Cain hires his wife to run hospital
He finally asked his wife, a nursing home administrator, to run the hospital, he said.
“I ran out of options,” he said. “I talked her into it. Her first answer was, ‘No,’ but I insisted.”
“ . . . There was no team,” he said. “There was no organization. It had to be built.”
He said revenue at the hospital tripled from $7 million in 2004 to $22 million or $23 million in 2011. Unpaid debt naturally increased, he said, because more patients meant more people unable to pay their medical bills.
The Cains’ salaries climbed, too.
Cain said he moved CMI’s offices to Wiggins so that he could be closer to the hospital.
Attorneys for the government and the whistleblower, who set off the federal investigation more than 10 years ago, will cross-examine Cain after Musgrove finishes his questions Thursday.
Julie Cain says she worked hard
Julie Cain preceded her husband on the witness stand. She said that her most important duty at the hospital was making rounds so she could check on patients, families and staff.
She said she hired physicians, approved contracts, updated policies and procedures, and performed other duties as hospital administrator.
During her hours-long testimony, the defense established her familiarity with many of the hospital’s employees.
“I am someone who gets on the floor and works with the employees . . . ” she testified. “I have rolled my sleeves up. I did what I needed to do.”
The whistleblower in the case, James Aldridge, worked as chief operating officer at the hospital for about two months, testimony has shown.
Musgrove wanted Julie Cain to testify in front of the jury about why he was fired. The presiding judge, Henry T. Wingate, said he would hear her testimony about Aldridge outside of the jury’s presence before deciding whether to allow it.
Once the jury was escorted out, Cain said she fired Aldridge over a potentially dangerous decision involving a patient. He ordered an employee to put a bucket above a ceiling tile in the patient’s room to catch water from a leak. The bucket fell.
Aldridge, she said, tried to blame and fire a subordinate. She fired Aldridge instead.
“He said, ‘If you fire me, you’re going to pay for this,’ ” Cain said. “I had my back up against the wall . . . I had to protect my staff and my patients.”
Wingate ruled that she could not tell the jury about Aldridge. He is not being called as a witness in the case, Wingate said, so his credibility is not an issue.
On cross-examination, Assistant U.S. Attorney Angela Williams asked Julie Cain about reams of paperwork the defense had submitted as evidence that she was on the job as administrator.

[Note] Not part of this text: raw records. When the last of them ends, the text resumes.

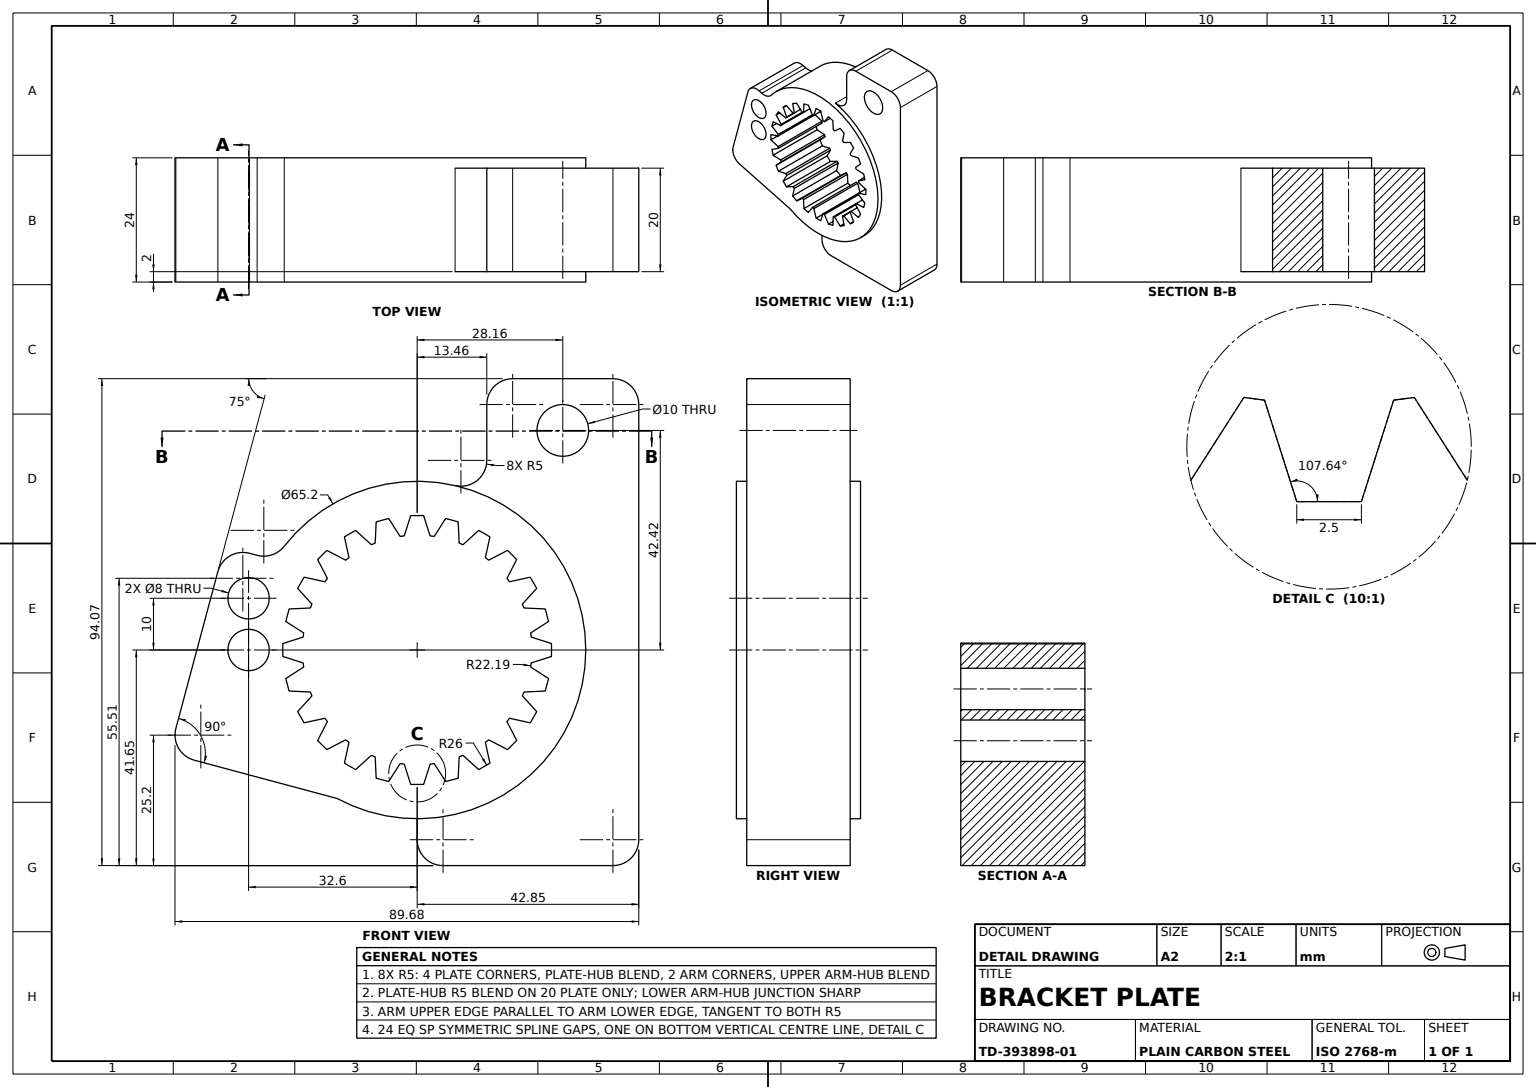
from build123d import *

# Parameters (mm, degrees)
SPLINED_HUB_PROFILE_R   = 32.6
SPLINED_HUB_24T_DEPTH   = 12
MOUNTING_FLANGE_DEPTH   = 10
SIDE_LUG_DEPTH          = 12
LUG_HOLE_PROFILE_R      = 5
LUG_HOLE_10_DEPTH       = 10
LUG_FILLET_R5_R         = 5
FLANGE_HOLES_PROFILE_R  = 4
FLANGE_HOLES_2X_8_DEPTH = 74.654745929
FLANGE_SLOT_PROFILE_R   = 4
FLANGE_SLOT_DEPTH       = 12


with BuildPart() as part:
    # Splined Hub Profile → Splined Hub 24T (new, symmetric)
    with BuildSketch(Plane.XY):
        Circle(SPLINED_HUB_PROFILE_R)
        with BuildLine():
            ThreePointArc((25.969951923, 1.249638793), (25.992486895, 0.625), (26, 0))
            ThreePointArc((26, 0), (25.992486895, -0.625), (25.969951923, -1.249638793))
            Line((25.969951923, -1.249638793), (22.049170798, -2.496030275))
            ThreePointArc((22.049170798, -2.496030275), (22.000161474, -2.896376205), (21.943883694, -3.295765225))
            Line((21.943883694, -3.295765225), (25.408477589, -5.514459774))
            ThreePointArc((25.408477589, -5.514459774), (25.114071484, -6.729295173), (24.761616951, -7.928576542))
            Line((24.761616951, -7.928576542), (20.651843349, -8.117725437))
            ThreePointArc((20.651843349, -8.117725437), (20.500886826, -8.491745364), (20.343157181, -8.862959772))
            Line((20.343157181, -8.862959772), (23.115457497, -11.902757021))
            ThreePointArc((23.115457497, -11.902757021), (22.516660498, -13), (21.865818704, -14.067194902))
            Line((21.865818704, -14.067194902), (17.847126905, -13.186211026))
            ThreePointArc((17.847126905, -13.186211026), (17.604510621, -13.50841611), (17.356078124, -13.826158257))
            Line((17.356078124, -13.826158257), (19.247157176, -17.479901047))
            ThreePointArc((19.247157176, -17.479901047), (18.384776311, -18.384776311), (17.479901047, -19.247157176))
            Line((17.479901047, -19.247157176), (13.826158257, -17.356078124))
            ThreePointArc((13.826158257, -17.356078124), (13.50841611, -17.604510621), (13.186211026, -17.847126905))
            Line((13.186211026, -17.847126905), (14.067194902, -21.865818704))
            ThreePointArc((14.067194902, -21.865818704), (13, -22.516660498), (11.902757021, -23.115457497))
            Line((11.902757021, -23.115457497), (8.862959772, -20.343157181))
            ThreePointArc((8.862959772, -20.343157181), (8.491745364, -20.500886826), (8.117725437, -20.651843349))
            Line((8.117725437, -20.651843349), (7.928576542, -24.761616951))
            ThreePointArc((7.928576542, -24.761616951), (6.729295173, -25.114071484), (5.514459774, -25.408477589))
            Line((5.514459774, -25.408477589), (3.295765225, -21.943883694))
            ThreePointArc((3.295765225, -21.943883694), (2.896376205, -22.000161474), (2.496030275, -22.049170798))
            Line((2.496030275, -22.049170798), (1.249638793, -25.969951923))
            ThreePointArc((1.249638793, -25.969951923), (0, -26), (-1.249638793, -25.969951923))
            Line((-1.249638793, -25.969951923), (-2.496030275, -22.049170798))
            ThreePointArc((-2.496030275, -22.049170798), (-2.896376205, -22.000161474), (-3.295765225, -21.943883694))
            Line((-3.295765225, -21.943883694), (-5.514459774, -25.408477589))
            ThreePointArc((-5.514459774, -25.408477589), (-6.729295173, -25.114071484), (-7.928576542, -24.761616951))
            Line((-7.928576542, -24.761616951), (-8.117725437, -20.651843349))
            ThreePointArc((-8.117725437, -20.651843349), (-8.491745364, -20.500886826), (-8.862959772, -20.343157181))
            Line((-8.862959772, -20.343157181), (-11.902757021, -23.115457497))
            ThreePointArc((-11.902757021, -23.115457497), (-13, -22.516660498), (-14.067194902, -21.865818704))
            Line((-14.067194902, -21.865818704), (-13.186211026, -17.847126905))
            ThreePointArc((-13.186211026, -17.847126905), (-13.50841611, -17.604510621), (-13.826158257, -17.356078124))
            Line((-13.826158257, -17.356078124), (-17.479901047, -19.247157176))
            ThreePointArc((-17.479901047, -19.247157176), (-18.384776311, -18.384776311), (-19.247157176, -17.479901047))
            Line((-19.247157176, -17.479901047), (-17.356078124, -13.826158257))
            ThreePointArc((-17.356078124, -13.826158257), (-17.604510621, -13.50841611), (-17.847126905, -13.186211026))
            Line((-17.847126905, -13.186211026), (-21.865818704, -14.067194902))
            ThreePointArc((-21.865818704, -14.067194902), (-22.516660498, -13), (-23.115457497, -11.902757021))
            Line((-23.115457497, -11.902757021), (-20.343157181, -8.862959772))
            ThreePointArc((-20.343157181, -8.862959772), (-20.500886826, -8.491745364), (-20.651843349, -8.117725437))
            Line((-20.651843349, -8.117725437), (-24.761616951, -7.928576542))
            ThreePointArc((-24.761616951, -7.928576542), (-25.114071484, -6.729295173), (-25.408477589, -5.514459774))
            Line((-25.408477589, -5.514459774), (-21.943883694, -3.295765225))
            ThreePointArc((-21.943883694, -3.295765225), (-22.000161474, -2.896376205), (-22.049170798, -2.496030275))
            Line((-22.049170798, -2.496030275), (-25.969951923, -1.249638793))
            ThreePointArc((-25.969951923, -1.249638793), (-26, 0), (-25.969951923, 1.249638793))
            Line((-25.969951923, 1.249638793), (-22.049170798, 2.496030275))
            ThreePointArc((-22.049170798, 2.496030275), (-22.000161474, 2.896376205), (-21.943883694, 3.295765225))
            Line((-21.943883694, 3.295765225), (-25.408477589, 5.514459774))
            ThreePointArc((-25.408477589, 5.514459774), (-25.114071484, 6.729295173), (-24.761616951, 7.928576542))
            Line((-24.761616951, 7.928576542), (-20.651843349, 8.117725437))
            ThreePointArc((-20.651843349, 8.117725437), (-20.500886826, 8.491745364), (-20.343157181, 8.862959772))
            Line((-20.343157181, 8.862959772), (-23.115457497, 11.902757021))
            ThreePointArc((-23.115457497, 11.902757021), (-22.516660498, 13), (-21.865818704, 14.067194902))
            Line((-21.865818704, 14.067194902), (-17.847126905, 13.186211026))
            ThreePointArc((-17.847126905, 13.186211026), (-17.604510621, 13.50841611), (-17.356078124, 13.826158257))
            Line((-17.356078124, 13.826158257), (-19.247157176, 17.479901047))
            ThreePointArc((-19.247157176, 17.479901047), (-18.384776311, 18.384776311), (-17.479901047, 19.247157176))
            Line((-17.479901047, 19.247157176), (-13.826158257, 17.356078124))
            ThreePointArc((-13.826158257, 17.356078124), (-13.50841611, 17.604510621), (-13.186211026, 17.847126905))
            Line((-13.186211026, 17.847126905), (-14.067194902, 21.865818704))
            ThreePointArc((-14.067194902, 21.865818704), (-13, 22.516660498), (-11.902757021, 23.115457497))
            Line((-11.902757021, 23.115457497), (-8.862959772, 20.343157181))
            ThreePointArc((-8.862959772, 20.343157181), (-8.491745364, 20.500886826), (-8.117725437, 20.651843349))
            Line((-8.117725437, 20.651843349), (-7.928576542, 24.761616951))
            ThreePointArc((-7.928576542, 24.761616951), (-6.729295173, 25.114071484), (-5.514459774, 25.408477589))
            Line((-5.514459774, 25.408477589), (-3.295765225, 21.943883694))
            ThreePointArc((-3.295765225, 21.943883694), (-2.896376205, 22.000161474), (-2.496030275, 22.049170798))
            Line((-2.496030275, 22.049170798), (-1.249638793, 25.969951923))
            ThreePointArc((-1.249638793, 25.969951923), (0, 26), (1.249638793, 25.969951923))
            Line((1.249638793, 25.969951923), (2.496030275, 22.049170798))
            ThreePointArc((2.496030275, 22.049170798), (2.896376205, 22.000161474), (3.295765225, 21.943883694))
            Line((3.295765225, 21.943883694), (5.514459774, 25.408477589))
            ThreePointArc((5.514459774, 25.408477589), (6.729295173, 25.114071484), (7.928576542, 24.761616951))
            Line((7.928576542, 24.761616951), (8.117725437, 20.651843349))
            ThreePointArc((8.117725437, 20.651843349), (8.491745364, 20.500886826), (8.862959772, 20.343157181))
            Line((8.862959772, 20.343157181), (11.902757021, 23.115457497))
            ThreePointArc((11.902757021, 23.115457497), (13, 22.516660498), (14.067194902, 21.865818704))
            Line((14.067194902, 21.865818704), (13.186211026, 17.847126905))
            ThreePointArc((13.186211026, 17.847126905), (13.50841611, 17.604510621), (13.826158257, 17.356078124))
            Line((13.826158257, 17.356078124), (17.479901047, 19.247157176))
            ThreePointArc((17.479901047, 19.247157176), (18.384776311, 18.384776311), (19.247157176, 17.479901047))
            Line((19.247157176, 17.479901047), (17.356078124, 13.826158257))
            ThreePointArc((17.356078124, 13.826158257), (17.604510621, 13.50841611), (17.847126905, 13.186211026))
            Line((17.847126905, 13.186211026), (21.865818704, 14.067194902))
            ThreePointArc((21.865818704, 14.067194902), (22.516660498, 13), (23.115457497, 11.902757021))
            Line((23.115457497, 11.902757021), (20.343157181, 8.862959772))
            ThreePointArc((20.343157181, 8.862959772), (20.500886826, 8.491745364), (20.651843349, 8.117725437))
            Line((20.651843349, 8.117725437), (24.761616951, 7.928576542))
            ThreePointArc((24.761616951, 7.928576542), (25.114071484, 6.729295173), (25.408477589, 5.514459774))
            Line((25.408477589, 5.514459774), (21.943883694, 3.295765225))
            ThreePointArc((21.943883694, 3.295765225), (22.000161474, 2.896376205), (22.049170798, 2.496030275))
            Line((22.049170798, 2.496030275), (25.969951923, 1.249638793))
        make_face(mode=Mode.SUBTRACT)
    extrude(amount=SPLINED_HUB_24T_DEPTH, both=True)

    # Mounting Flange Profile → Mounting Flange (add, symmetric)
    with BuildSketch(Plane.XY):
        with BuildLine():
            Line((42.85, 0), (42.85, -36.65))
            ThreePointArc((42.85, -36.65), (41.385533906, -40.185533906), (37.85, -41.65))
            Line((37.85, -41.65), (5, -41.65))
            ThreePointArc((5, -41.65), (1.464466094, -40.185533906), (0, -36.65))
            Line((0, -36.65), (0, -32.6))
            ThreePointArc((0, -32.6), (32.390349794, -3.691238309), (7.335, 31.76409569))
            ThreePointArc((7.335, 31.76409569), (11.572474899, 32.722770547), (13.46, 36.635889507))
            Line((13.46, 36.635889507), (13.46, 47.42))
            ThreePointArc((13.46, 47.42), (14.924466094, 50.955533906), (18.46, 52.42))
            Line((18.46, 52.42), (37.85, 52.42))
            ThreePointArc((37.85, 52.42), (41.385533906, 50.955533906), (42.85, 47.42))
            Line((42.85, 47.42), (42.85, 0))
        make_face()
    extrude(amount=MOUNTING_FLANGE_DEPTH, both=True)

    # Side Lug Profile → Side Lug (add, symmetric)
    with BuildSketch(Plane.XY):
        with BuildLine():
            Line((-37.246328052, 19.980175717), (-47.954966043, -19.985005346))
            Line((-47.954966043, -19.985005346), (-15.493199502, -28.683109475))
            ThreePointArc((-15.493199502, -28.683109475), (-31.533730192, -8.269453439), (-27.575166089, 17.388795679))
            Line((-27.575166089, 17.388795679), (-37.246328052, 19.980175717))
        make_face()
    extrude(amount=SIDE_LUG_DEPTH, both=True)

    # Lug Hole Profile → Lug Hole Ø10 (cut, symmetric)
    with BuildSketch(Plane.XY):
        with Locations((28.155, 42.42)):
            Circle(LUG_HOLE_PROFILE_R)
    extrude(amount=LUG_HOLE_10_DEPTH, both=True, mode=Mode.SUBTRACT)

    # Lug Fillet R5
    lug_fillet_r5_edges = [part.edges().sort_by_distance(p)[0] for p in [
        (-27.575166089, 17.388795679, 0),
        (-37.246328052, 19.980175717, 0),
        (-47.954966043, -19.985005346, 0),
    ]]
    fillet(lug_fillet_r5_edges, radius=LUG_FILLET_R5_R)

    # Flange Holes Profile → Flange Holes 2xØ8 (cut, through all)
    with BuildSketch(Plane.XY.offset(10)):
        with Locations((-32.6, 0)):
            Circle(FLANGE_HOLES_PROFILE_R)
    extrude(amount=-FLANGE_HOLES_2X_8_DEPTH, mode=Mode.SUBTRACT)

    # Flange Slot Profile → Flange Slot (cut, symmetric)
    with BuildSketch(Plane.XY):
        with Locations((-32.6, 0)):
            Circle(FLANGE_SLOT_PROFILE_R)
        with Locations((-32.6, 10)):
            Circle(FLANGE_SLOT_PROFILE_R)
    extrude(amount=FLANGE_SLOT_DEPTH, both=True, mode=Mode.SUBTRACT)


solid = part.part

Williams was able to show some of the documents were unrelated to Cain’s job at the hospital and that she signed some paperwork that others had drafted. Williams also introduced emails showing that questions from managers were in some cases directed to Starann Lamier, the fourth defendant in the case and a former CMI manager.
Government attorneys maintain Lamier handled much of the hospital management work at CMI.
The attorney for Aldridge, John Hawkins, also cross-examined Cain. She told him hundreds of hospital employees would testify to her work ethic. If that were the case, Hawkins asked, why didn’t the defense call more of them to testify and why did only one of her five administrative assistants over the years take the stand to say Cain did her job?
Several employees, he said, testified that she was at the hospital less than 25% of the time.
Cain bristled. “I was never there 25% of the time,” she said. “I was there at work. I’m telling you, it’s untrue.”